Мир Сальвадора Дали
 
                   

 

Предыдущая Следующая

И правда — другая. Как они молоды там, на этих снимках, как радуются жизни, морю и друг другу, еще не подозревая, что это лето — единственное. Дальше им — врозь. У них все еще впереди — стихи, живопись, театр, горечь разминовения, слава, война. Они не знают сроков, отмеренных судьбой. Не знают, что одного — Федерико — мир и запомнит таким, как в то лето, — счастливым и навеки юным. Здесь, в саду, за беленой стеной, под ослепительной синью лазурного неба, у скалы по имени Орлица, над прозрачной — до дна — морской гладью они совершенно по-детски дурачатся, подшучивая друг над другом, играют в игрушки, снимаются на память. Какой же долгой и горькой будет она для сестры одного и подруги? невесты? другого...

Вот он и прозвучал, неизбежный, не раз заданный вопрос: "Скажите, Лорка был в вас влюблен?" Ана Мария не уходила от ответа, но отвечала всегда одинаково, сдержанно и коротко, тем пресекая дальнейшие расспросы: "Он мне никогда об этом не говорил". Ответ и простодушен, и лукав, и благороден — как прожитая жизнь. И, что, может быть, самое главное, ее запрет так же мягок и так же непреложен, как запрет Лорки.

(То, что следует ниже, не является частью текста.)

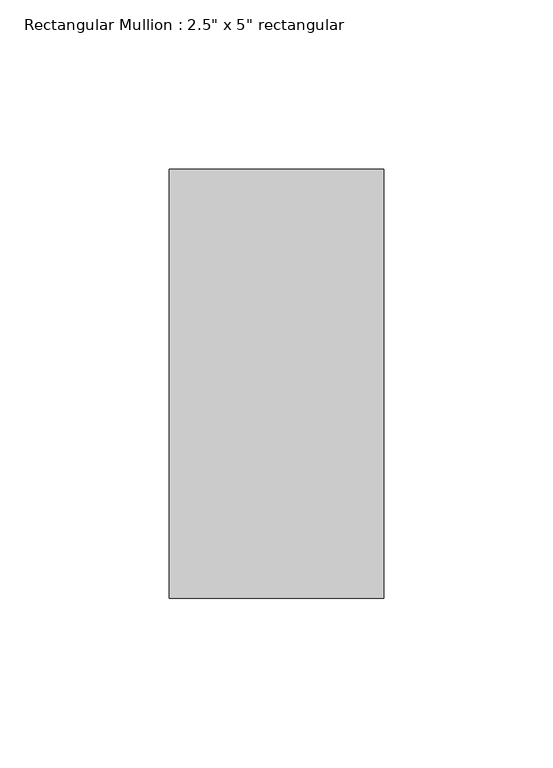
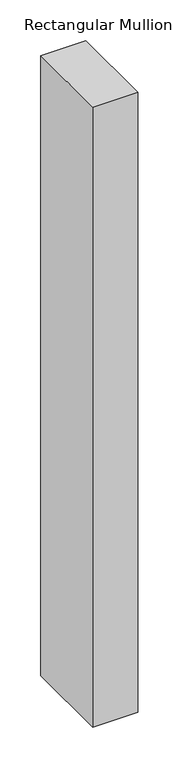
"""IFC4 building model written with IfcOpenShell, lengths in millimetres: member geometry."""

from ifc_helpers import new_model, si_unit, frame, origin, place, context, project, spatial, polyline, outline, extrude, source, transform, mapped, element, save


def member_d3800c19(model_context):
    return source(origin(), model_context, "Body", "SweptSolid", [
        extrude(outline(polyline([(0.0, 63.5), (0.0, -63.5), (-63.5, -63.5), (-63.5, 63.5), (0.0, 63.5)])), frame((0.0, 0.0, -925.9054943), z_axis=(0.0, 0.0, 1.0), x_axis=(1.0, 0.0, 0.0)), (0.0, 0.0, 1.0), 925.9054943),
    ])


if __name__ == "__main__":
    model = new_model("IFC4")
    model_context = context("Model", 3, world=origin())
    ifc_project = project(units=[si_unit("LENGTHUNIT", "METRE", prefix="MILLI")], contexts=[model_context])
    site = spatial("IfcSite", under=ifc_project)
    building = spatial("IfcBuilding", under=site)
    placement = place(None, origin())
    member_shape = member_d3800c19(model_context)
    element("IfcMember", 1, ObjectType="Rectangular Mullion : 2.5\" x 5\" rectangular", at=placement, inside=building, context=model_context, shape_type="MappedRepresentation", body=[
        mapped(member_shape, transform((0.0, 0.0, 0.0), x_axis=(1.0, 0.0, 0.0), y_axis=(0.0, 1.0, 0.0), z_axis=(0.0, 0.0, 1.0))),
    ])
    save(model, "model.ifc")

# Revit data of these elements
# Type "Rectangular Mullion : 2.5\" x 5\" rectangular"
#   built-in parameter 1007304 = 0.416667 (stored number, unit not read)
#   built-in parameter 1007301 = 0.104167 (stored number, unit not read)
#   built-in parameter 1007300 = 0.104167 (stored number, unit not read)
# Element 1 (IfcMember, "Rectangular Mullion : 2.5\" x 5\" rectangular")
#   Materials on its faces: "Aluminum"
# Materials
#   "Aluminum": class "Metal", colour RGB 247 247 247, transparency 0, Description = "Aluminum 6061", Cost = 0

Друзья вспоминают, что Федерико был открыт и светел, и только близким изредка случалось видеть его подавленным и молчаливым. Изредка не потому, что он избегал

печали. О чем только ни писал он друзьям и как ни доверителен тон этих писем, то, что мучило его, не сквозит даже между строк. И в стихах — ни исповедей, ни признаний. Таков был категорический внутренний императив. "Надо следить, чтобы твои горести не просочились в стихи, иначе поэзия сыграет с тобой злую шутку: затаенное выставит напоказ тем, кто не должен — ни за что — это видеть", — писал он другу. Только, может быть, в "Сонетах темной любви" он сказал больше, чем хотел. Когда Лорка прочел Висенте Алейсандре сонеты, потрясенный до глубины души друг не сдержался и воскликнул: "Как же ты, наверно, страдал!" Лорка улыбнулся в ответ — простодушно, по-детски. В улыбке была радость — стихи понравились другу, была благодарность за участие, но был и запрет, мягкий и бесповоротный.

Пусть запрет останется непреложен и для исследователя, и для биографа, и для читателя этой истории о том, что не случилось, истории непрожитой любви. Но не оттого ли, что судьба оборвала ее на полуслове, несбывшееся становится полноправным персонажем в драматургии Лорки? То, чего не было и уже никогда не будет, мучает и донью Роситу, и Иерму, и героев "Когда пройдет пять лет". Слишком хорошо Лорка знал, что память о непрожитом не отпускает и — в отличие от памяти о пережитом — не стирается.